The story of the Phoenicians has caught the imagination of Mediterranean peoples for the last three thousand years. Professor Sabatino Moscati writes about the colonies established by these legendary Lords of the Sea and gives a brief account of the latest research on the subject. Sabatino Moscati is a Professor of the University of Rome and a member of the Accademia dei Lincei and the Pontifica Accademia Romana di Archeologia; he has directed archeological missions in Palestine, Sicily, Malta, Sardinia and Tunisia and is the author of more than thirty volumes, translated into several languages, all of them works which are distinguished by a perfect blend of authority and effective communication, the gift of the popularizer who, according to Croce, writes clearly because his ideas are clear.

It is no anachronism to speak of tortoises and turtles, those animals dear both to the philosopher Zeno of Elea and Walt Disney: Giancarlo Ligabue has encountered many of them on his travels and offers us a personal account which begins no less than two hundred million years ago. Giancarlo Ligabue has cultivated a scholarly passion for archeology and anthropology ever since he was a child. He graduated with a degree in Paleontology from the Sorbonne, is an Honorary Associate in Archeology of the Peabody Museum of Harvard University and also sits on the Board of Directors of the Museum. He is a corresponding member of the Museum of Natural History of Paris, has an Honorary Degree from the University of Modena and is the author of a dozen or more volumes about the expeditions he has directed in Africa, the Americas and the orient. In 1978, he founded the «Ligabue Research and Study Centre», whose activities are always briefly summarized in the last pages of this magazine where we also speak of the significance of the Centre’s symbol, based on a 3rd. millenium B. C. seal.

A true rarity are the original, unpublished caricatures of Giambattista Tiepolo which we publish in this issue, accompanied by a witty article on Venetian caricature written by the antique dealer Pietro Scarpa, the well-known and highly respected connoisseur of eighteenth century Venetian painting and an expert on early Italian drawings.

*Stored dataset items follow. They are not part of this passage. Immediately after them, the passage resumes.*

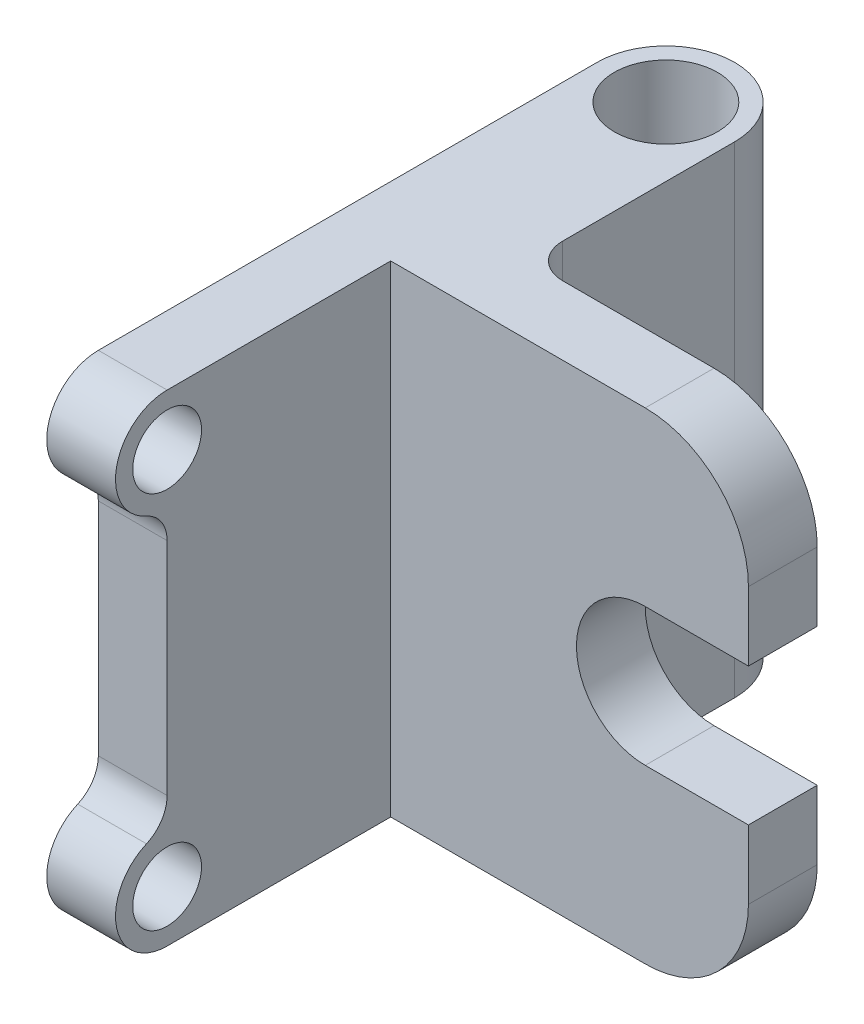
ISO-10303-21;
HEADER;
FILE_DESCRIPTION(('STEP AP214'),'2;1');
FILE_NAME('part.step','',(''),(''),'','','');
FILE_SCHEMA(('AUTOMOTIVE_DESIGN { 1 0 10303 214 1 1 1 1 }'));
ENDSEC;
DATA;
#1=APPLICATION_CONTEXT('core data for automotive mechanical design processes');
#2=APPLICATION_PROTOCOL_DEFINITION('international standard','automotive_design',2000,#1);
#3=PRODUCT_CONTEXT('',#1,'mechanical');
#4=PRODUCT('Part','Part','',(#3));
#5=PRODUCT_RELATED_PRODUCT_CATEGORY('part','',(#4));
#6=PRODUCT_DEFINITION_FORMATION('','',#4);
#7=PRODUCT_DEFINITION_CONTEXT('part definition',#1,'design');
#8=PRODUCT_DEFINITION('design','',#6,#7);
#9=PRODUCT_DEFINITION_SHAPE('','',#8);
#10=(LENGTH_UNIT() NAMED_UNIT(*) SI_UNIT(.MILLI.,.METRE.));
#11=(NAMED_UNIT(*) PLANE_ANGLE_UNIT() SI_UNIT($,.RADIAN.));
#12=(NAMED_UNIT(*) SI_UNIT($,.STERADIAN.) SOLID_ANGLE_UNIT());
#13=UNCERTAINTY_MEASURE_WITH_UNIT(LENGTH_MEASURE(1.E-05),#10,'distance_accuracy_value','');
#14=(GEOMETRIC_REPRESENTATION_CONTEXT(3) GLOBAL_UNCERTAINTY_ASSIGNED_CONTEXT((#13)) GLOBAL_UNIT_ASSIGNED_CONTEXT((#10,
#11,#12)) REPRESENTATION_CONTEXT('',''));
#15=CARTESIAN_POINT('',(0.,0.,0.));
#16=DIRECTION('',(0.,0.,1.));
#17=DIRECTION('',(1.,0.,0.));
#18=AXIS2_PLACEMENT_3D('',#15,#16,#17);
#19=CARTESIAN_POINT('',(47.,15.,0.));
#20=DIRECTION('',(0.,0.,-1.));
#21=DIRECTION('',(-1.,0.,0.));
#22=AXIS2_PLACEMENT_3D('',#19,#20,#21);
#23=PLANE('',#22);
#24=DIRECTION('',(0.,1.,0.));
#25=VECTOR('',#24,1.);
#26=CARTESIAN_POINT('',(25.,0.,0.));
#27=LINE('',#26,#25);
#28=CARTESIAN_POINT('',(25.,0.,0.));
#29=VERTEX_POINT('',#28);
#30=CARTESIAN_POINT('',(25.,70.,0.));
#31=VERTEX_POINT('',#30);
#32=EDGE_CURVE('E69',#29,#31,#27,.T.);
#33=ORIENTED_EDGE('',*,*,#32,.T.);
#34=DIRECTION('',(-1.,0.,0.));
#35=VECTOR('',#34,1.);
#36=CARTESIAN_POINT('',(46.9999999999999,70.,0.));
#37=LINE('',#36,#35);
#38=CARTESIAN_POINT('',(46.9999999999999,70.,0.));
#39=VERTEX_POINT('',#38);
#40=EDGE_CURVE('E270',#39,#31,#37,.T.);
#41=ORIENTED_EDGE('',*,*,#40,.F.);
#42=CARTESIAN_POINT('',(47.,55.,0.));
#43=DIRECTION('',(0.,0.,1.));
#44=DIRECTION('',(1.,0.,0.));
#45=AXIS2_PLACEMENT_3D('',#42,#43,#44);
#46=CIRCLE('',#45,15.);
#47=CARTESIAN_POINT('',(62.,54.9999999999999,0.));
#48=VERTEX_POINT('',#47);
#49=EDGE_CURVE('E296',#48,#39,#46,.T.);
#50=ORIENTED_EDGE('',*,*,#49,.F.);
#51=DIRECTION('',(0.,1.,0.));
#52=VECTOR('',#51,1.);
#53=CARTESIAN_POINT('',(62.,45.,0.));
#54=LINE('',#53,#52);
#55=CARTESIAN_POINT('',(62.,45.,0.));
#56=VERTEX_POINT('',#55);
#57=EDGE_CURVE('E298',#56,#48,#54,.T.);
#58=ORIENTED_EDGE('',*,*,#57,.F.);
#59=DIRECTION('',(1.,0.,0.));
#60=VECTOR('',#59,1.);
#61=CARTESIAN_POINT('',(62.,45.,0.));
#62=LINE('',#61,#60);
#63=CARTESIAN_POINT('',(47.,45.,0.));
#64=VERTEX_POINT('',#63);
#65=EDGE_CURVE('E295',#64,#56,#62,.T.);
#66=ORIENTED_EDGE('',*,*,#65,.F.);
#67=CARTESIAN_POINT('',(47.,35.,0.));
#68=DIRECTION('',(0.,0.,-1.));
#69=DIRECTION('',(1.,0.,0.));
#70=AXIS2_PLACEMENT_3D('',#67,#68,#69);
#71=CIRCLE('',#70,10.);
#72=CARTESIAN_POINT('',(47.,25.,0.));
#73=VERTEX_POINT('',#72);
#74=EDGE_CURVE('E292',#73,#64,#71,.T.);
#75=ORIENTED_EDGE('',*,*,#74,.F.);
#76=DIRECTION('',(-1.,0.,0.));
#77=VECTOR('',#76,1.);
#78=CARTESIAN_POINT('',(47.,25.,0.));
#79=LINE('',#78,#77);
#80=CARTESIAN_POINT('',(62.,25.,0.));
#81=VERTEX_POINT('',#80);
#82=EDGE_CURVE('E287',#81,#73,#79,.T.);
#83=ORIENTED_EDGE('',*,*,#82,.F.);
#84=DIRECTION('',(0.,1.,0.));
#85=VECTOR('',#84,1.);
#86=CARTESIAN_POINT('',(62.,15.0000000000001,0.));
#87=LINE('',#86,#85);
#88=CARTESIAN_POINT('',(62.,15.0000000000001,0.));
#89=VERTEX_POINT('',#88);
#90=EDGE_CURVE('E290',#89,#81,#87,.T.);
#91=ORIENTED_EDGE('',*,*,#90,.F.);
#92=CARTESIAN_POINT('',(47.,15.,0.));
#93=DIRECTION('',(0.,0.,1.));
#94=DIRECTION('',(-1.,0.,0.));
#95=AXIS2_PLACEMENT_3D('',#92,#93,#94);
#96=CIRCLE('',#95,15.);
#97=CARTESIAN_POINT('',(46.9999999999999,0.,0.));
#98=VERTEX_POINT('',#97);
#99=EDGE_CURVE('E289',#98,#89,#96,.T.);
#100=ORIENTED_EDGE('',*,*,#99,.F.);
#101=DIRECTION('',(1.,0.,0.));
#102=VECTOR('',#101,1.);
#103=CARTESIAN_POINT('',(0.,0.,0.));
#104=LINE('',#103,#102);
#105=EDGE_CURVE('E61',#29,#98,#104,.T.);
#106=ORIENTED_EDGE('',*,*,#105,.F.);
#107=EDGE_LOOP('',(#33,#41,#50,#58,#66,#75,#83,#91,#100,#106));
#108=FACE_BOUND('',#107,.T.);
#109=ADVANCED_FACE('F50',(#108),#23,.T.);
#110=CARTESIAN_POINT('',(10.,70.,42.5));
#111=DIRECTION('',(0.,0.,1.));
#112=DIRECTION('',(1.,0.,0.));
#113=AXIS2_PLACEMENT_3D('',#110,#111,#112);
#114=PLANE('',#113);
#115=DIRECTION('',(0.,1.,0.));
#116=VECTOR('',#115,1.);
#117=CARTESIAN_POINT('',(0.,70.,42.5));
#118=LINE('',#117,#116);
#119=CARTESIAN_POINT('',(0.,18.9564392373896,42.5));
#120=VERTEX_POINT('',#119);
#121=CARTESIAN_POINT('',(0.,51.0435607626104,42.5));
#122=VERTEX_POINT('',#121);
#123=EDGE_CURVE('E250',#120,#122,#118,.T.);
#124=ORIENTED_EDGE('',*,*,#123,.F.);
#125=DIRECTION('',(1.,0.,0.));
#126=VECTOR('',#125,1.);
#127=CARTESIAN_POINT('',(0.,18.9564392373896,42.5));
#128=LINE('',#127,#126);
#129=CARTESIAN_POINT('',(10.,18.9564392373896,42.5));
#130=VERTEX_POINT('',#129);
#131=EDGE_CURVE('E230',#120,#130,#128,.T.);
#132=ORIENTED_EDGE('',*,*,#131,.T.);
#133=DIRECTION('',(0.,1.,0.));
#134=VECTOR('',#133,1.);
#135=CARTESIAN_POINT('',(10.,70.,42.5));
#136=LINE('',#135,#134);
#137=CARTESIAN_POINT('',(10.,51.0435607626104,42.5));
#138=VERTEX_POINT('',#137);
#139=EDGE_CURVE('E253',#130,#138,#136,.T.);
#140=ORIENTED_EDGE('',*,*,#139,.T.);
#141=DIRECTION('',(1.,0.,0.));
#142=VECTOR('',#141,1.);
#143=CARTESIAN_POINT('',(0.,51.0435607626104,42.5));
#144=LINE('',#143,#142);
#145=EDGE_CURVE('E239',#122,#138,#144,.T.);
#146=ORIENTED_EDGE('',*,*,#145,.F.);
#147=EDGE_LOOP('',(#124,#132,#140,#146));
#148=FACE_BOUND('',#147,.T.);
#149=ADVANCED_FACE('F360',(#148),#114,.T.);
#150=CARTESIAN_POINT('',(0.,70.,10.));
#151=DIRECTION('',(1.,0.,0.));
#152=DIRECTION('',(0.,0.,-1.));
#153=AXIS2_PLACEMENT_3D('',#150,#151,#152);
#154=PLANE('',#153);
#155=CARTESIAN_POINT('',(0.,62.5,42.5));
#156=DIRECTION('',(1.,0.,0.));
#157=DIRECTION('',(0.,0.,-1.));
#158=AXIS2_PLACEMENT_3D('',#155,#156,#157);
#159=CIRCLE('',#158,5.);
#160=CARTESIAN_POINT('',(0.,62.5,37.5));
#161=VERTEX_POINT('',#160);
#162=EDGE_CURVE('E209',#161,#161,#159,.T.);
#163=ORIENTED_EDGE('',*,*,#162,.T.);
#164=EDGE_LOOP('',(#163));
#165=FACE_BOUND('',#164,.T.);
#166=CARTESIAN_POINT('',(0.,7.5,42.5));
#167=DIRECTION('',(1.,0.,0.));
#168=DIRECTION('',(0.,0.,-1.));
#169=AXIS2_PLACEMENT_3D('',#166,#167,#168);
#170=CIRCLE('',#169,5.);
#171=CARTESIAN_POINT('',(0.,7.5,37.5));
#172=VERTEX_POINT('',#171);
#173=EDGE_CURVE('E205',#172,#172,#170,.T.);
#174=ORIENTED_EDGE('',*,*,#173,.T.);
#175=EDGE_LOOP('',(#174));
#176=FACE_BOUND('',#175,.T.);
#177=DIRECTION('',(0.,0.,-1.));
#178=VECTOR('',#177,1.);
#179=CARTESIAN_POINT('',(0.,70.,10.));
#180=LINE('',#179,#178);
#181=CARTESIAN_POINT('',(0.,70.,42.5));
#182=VERTEX_POINT('',#181);
#183=CARTESIAN_POINT('',(0.,70.,-30.));
#184=VERTEX_POINT('',#183);
#185=EDGE_CURVE('E198',#182,#184,#180,.T.);
#186=ORIENTED_EDGE('',*,*,#185,.T.);
#187=DIRECTION('',(0.,-1.,0.));
#188=VECTOR('',#187,1.);
#189=CARTESIAN_POINT('',(0.,70.,-30.));
#190=LINE('',#189,#188);
#191=CARTESIAN_POINT('',(0.,0.,-30.));
#192=VERTEX_POINT('',#191);
#193=EDGE_CURVE('E177',#184,#192,#190,.T.);
#194=ORIENTED_EDGE('',*,*,#193,.T.);
#195=DIRECTION('',(0.,0.,-1.));
#196=VECTOR('',#195,1.);
#197=CARTESIAN_POINT('',(0.,0.,10.));
#198=LINE('',#197,#196);
#199=CARTESIAN_POINT('',(0.,0.,42.5));
#200=VERTEX_POINT('',#199);
#201=EDGE_CURVE('E11',#200,#192,#198,.T.);
#202=ORIENTED_EDGE('',*,*,#201,.F.);
#203=CARTESIAN_POINT('',(0.,7.5,42.5));
#204=DIRECTION('',(1.,0.,0.));
#205=DIRECTION('',(0.,0.,-1.));
#206=AXIS2_PLACEMENT_3D('',#203,#204,#205);
#207=CIRCLE('',#206,7.50000000000001);
#208=CARTESIAN_POINT('',(0.,14.3738635424338,45.5));
#209=VERTEX_POINT('',#208);
#210=EDGE_CURVE('E224',#209,#200,#207,.T.);
#211=ORIENTED_EDGE('',*,*,#210,.F.);
#212=CARTESIAN_POINT('',(0.,18.9564392373896,47.5));
#213=DIRECTION('',(1.,0.,0.));
#214=DIRECTION('',(0.,0.,-1.));
#215=AXIS2_PLACEMENT_3D('',#212,#213,#214);
#216=CIRCLE('',#215,5.);
#217=EDGE_CURVE('E220',#209,#120,#216,.T.);
#218=ORIENTED_EDGE('',*,*,#217,.T.);
#219=ORIENTED_EDGE('',*,*,#123,.T.);
#220=CARTESIAN_POINT('',(0.,51.0435607626104,47.5));
#221=DIRECTION('',(1.,0.,0.));
#222=DIRECTION('',(0.,0.,-1.));
#223=AXIS2_PLACEMENT_3D('',#220,#221,#222);
#224=CIRCLE('',#223,5.);
#225=CARTESIAN_POINT('',(0.,55.6261364575662,45.5));
#226=VERTEX_POINT('',#225);
#227=EDGE_CURVE('E234',#122,#226,#224,.T.);
#228=ORIENTED_EDGE('',*,*,#227,.T.);
#229=CARTESIAN_POINT('',(0.,62.5,42.5));
#230=DIRECTION('',(1.,0.,0.));
#231=DIRECTION('',(0.,0.,-1.));
#232=AXIS2_PLACEMENT_3D('',#229,#230,#231);
#233=CIRCLE('',#232,7.50000000000001);
#234=EDGE_CURVE('E236',#182,#226,#233,.T.);
#235=ORIENTED_EDGE('',*,*,#234,.F.);
#236=EDGE_LOOP('',(#186,#194,#202,#211,#218,#219,#228,#235));
#237=FACE_BOUND('',#236,.T.);
#238=ADVANCED_FACE('F47',(#165,#176,#237),#154,.F.);
#239=CARTESIAN_POINT('',(0.,0.,10.));
#240=DIRECTION('',(0.,1.,0.));
#241=DIRECTION('',(0.,0.,1.));
#242=AXIS2_PLACEMENT_3D('',#239,#240,#241);
#243=PLANE('',#242);
#244=CARTESIAN_POINT('',(10.,0.,-30.));
#245=DIRECTION('',(0.,1.,0.));
#246=DIRECTION('',(0.,0.,1.));
#247=AXIS2_PLACEMENT_3D('',#244,#245,#246);
#248=CIRCLE('',#247,7.5);
#249=CARTESIAN_POINT('',(10.,0.,-22.5));
#250=VERTEX_POINT('',#249);
#251=EDGE_CURVE('E375',#250,#250,#248,.T.);
#252=ORIENTED_EDGE('',*,*,#251,.T.);
#253=EDGE_LOOP('',(#252));
#254=FACE_BOUND('',#253,.T.);
#255=CARTESIAN_POINT('',(25.,0.,-5.));
#256=DIRECTION('',(0.,-1.,0.));
#257=DIRECTION('',(0.,0.,1.));
#258=AXIS2_PLACEMENT_3D('',#255,#256,#257);
#259=CIRCLE('',#258,5.);
#260=CARTESIAN_POINT('',(20.,0.,-5.));
#261=VERTEX_POINT('',#260);
#262=EDGE_CURVE('E378',#29,#261,#259,.T.);
#263=ORIENTED_EDGE('',*,*,#262,.F.);
#264=ORIENTED_EDGE('',*,*,#105,.T.);
#265=DIRECTION('',(0.,0.,-1.));
#266=VECTOR('',#265,1.);
#267=CARTESIAN_POINT('',(46.9999999999999,0.,10.));
#268=LINE('',#267,#266);
#269=CARTESIAN_POINT('',(46.9999999999999,0.,10.));
#270=VERTEX_POINT('',#269);
#271=EDGE_CURVE('E54',#270,#98,#268,.T.);
#272=ORIENTED_EDGE('',*,*,#271,.F.);
#273=DIRECTION('',(1.,0.,0.));
#274=VECTOR('',#273,1.);
#275=CARTESIAN_POINT('',(0.,0.,10.));
#276=LINE('',#275,#274);
#277=CARTESIAN_POINT('',(10.,0.,10.));
#278=VERTEX_POINT('',#277);
#279=EDGE_CURVE('E262',#278,#270,#276,.T.);
#280=ORIENTED_EDGE('',*,*,#279,.F.);
#281=DIRECTION('',(0.,0.,1.));
#282=VECTOR('',#281,1.);
#283=CARTESIAN_POINT('',(10.,0.,42.5));
#284=LINE('',#283,#282);
#285=CARTESIAN_POINT('',(10.,0.,42.5));
#286=VERTEX_POINT('',#285);
#287=EDGE_CURVE('E254',#278,#286,#284,.T.);
#288=ORIENTED_EDGE('',*,*,#287,.T.);
#289=DIRECTION('',(-1.,0.,0.));
#290=VECTOR('',#289,1.);
#291=CARTESIAN_POINT('',(10.,0.,42.5));
#292=LINE('',#291,#290);
#293=EDGE_CURVE('E195',#286,#200,#292,.T.);
#294=ORIENTED_EDGE('',*,*,#293,.T.);
#295=ORIENTED_EDGE('',*,*,#201,.T.);
#296=CARTESIAN_POINT('',(10.,0.,-30.));
#297=DIRECTION('',(0.,1.,0.));
#298=DIRECTION('',(0.,0.,1.));
#299=AXIS2_PLACEMENT_3D('',#296,#297,#298);
#300=CIRCLE('',#299,10.);
#301=CARTESIAN_POINT('',(20.,0.,-30.));
#302=VERTEX_POINT('',#301);
#303=EDGE_CURVE('E176',#302,#192,#300,.T.);
#304=ORIENTED_EDGE('',*,*,#303,.F.);
#305=DIRECTION('',(0.,0.,1.));
#306=VECTOR('',#305,1.);
#307=CARTESIAN_POINT('',(20.,0.,-30.));
#308=LINE('',#307,#306);
#309=EDGE_CURVE('E202',#302,#261,#308,.T.);
#310=ORIENTED_EDGE('',*,*,#309,.T.);
#311=EDGE_LOOP('',(#263,#264,#272,#280,#288,#294,#295,#304,#310));
#312=FACE_BOUND('',#311,.T.);
#313=ADVANCED_FACE('F194',(#254,#312),#243,.F.);
#314=CARTESIAN_POINT('',(47.,15.,10.));
#315=DIRECTION('',(0.,0.,-1.));
#316=DIRECTION('',(-1.,0.,0.));
#317=AXIS2_PLACEMENT_3D('',#314,#315,#316);
#318=CYLINDRICAL_SURFACE('',#317,15.);
#319=ORIENTED_EDGE('',*,*,#99,.T.);
#320=DIRECTION('',(0.,0.,-1.));
#321=VECTOR('',#320,1.);
#322=CARTESIAN_POINT('',(62.,15.0000000000001,10.));
#323=LINE('',#322,#321);
#324=CARTESIAN_POINT('',(62.,15.0000000000001,10.));
#325=VERTEX_POINT('',#324);
#326=EDGE_CURVE('E318',#325,#89,#323,.T.);
#327=ORIENTED_EDGE('',*,*,#326,.F.);
#328=CARTESIAN_POINT('',(47.,15.,10.));
#329=DIRECTION('',(0.,0.,1.));
#330=DIRECTION('',(-1.,0.,0.));
#331=AXIS2_PLACEMENT_3D('',#328,#329,#330);
#332=CIRCLE('',#331,15.);
#333=EDGE_CURVE('E266',#270,#325,#332,.T.);
#334=ORIENTED_EDGE('',*,*,#333,.F.);
#335=ORIENTED_EDGE('',*,*,#271,.T.);
#336=EDGE_LOOP('',(#319,#327,#334,#335));
#337=FACE_BOUND('',#336,.T.);
#338=ADVANCED_FACE('F329',(#337),#318,.T.);
#339=CARTESIAN_POINT('',(62.,15.0000000000001,10.));
#340=DIRECTION('',(-1.,0.,0.));
#341=DIRECTION('',(0.,0.,1.));
#342=AXIS2_PLACEMENT_3D('',#339,#340,#341);
#343=PLANE('',#342);
#344=ORIENTED_EDGE('',*,*,#90,.T.);
#345=DIRECTION('',(0.,0.,-1.));
#346=VECTOR('',#345,1.);
#347=CARTESIAN_POINT('',(62.,25.,10.));
#348=LINE('',#347,#346);
#349=CARTESIAN_POINT('',(62.,25.,10.));
#350=VERTEX_POINT('',#349);
#351=EDGE_CURVE('E320',#350,#81,#348,.T.);
#352=ORIENTED_EDGE('',*,*,#351,.F.);
#353=DIRECTION('',(0.,1.,0.));
#354=VECTOR('',#353,1.);
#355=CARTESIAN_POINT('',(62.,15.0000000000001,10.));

The «Hymn to Aton» (XIV century B. C.) is one of the most striking of poems to nature: it is quoted in an account of the heresy which we owe to the erudition of the Egyptologist Franco Cimmino, the author of valuable studies of the Egyptians, member of the Societé Française d’Egyptologie of Paris, of the Fondation Egyptologique Reine Elisabeth of Brussels, of the Egypt Exploration Society of London, of the Stiftung L. Keimer fur Vergleichende Ferschung in Archaeologie und Ethnologie of Basle and of the Ligabue Research and Study Centre of Venice.

Amongst the most powerfully evocative of shells is the cowrie (a good deal too evocative of certain things according to some puritanical spirits). The reader will be able to judge for him or herself from the illustrations to the article by Massimo Orlandini, malacologist and associate collaborator of the Civic Museum of Natural History of Venice. As an expert in marine biology and underwater photography, Orlandini took part in the scientific expedition to the coral reefs of the Maldive Islands, organized by the Ligabue Research and Study Centre in 1980.

And finally, after such wide-ranging leaps through time and space amongst the mysteries of the universe, something which reminds us of our needs as ordinary common mortals, so easily swayed by the temptations of the table: an essay on the cooking of the Veneto by Ranieri Da Mosto, a member of one of the most illustrious of Venetian families, a journalist, writer, poet, chief editor with the RAI Radiotelevisione Italiana, and the author, amongst other books, of «The Veneto in the Kitchen», published by Aldo Martello.
For the next issue of Ligabue Magazine we have many more marvels in store.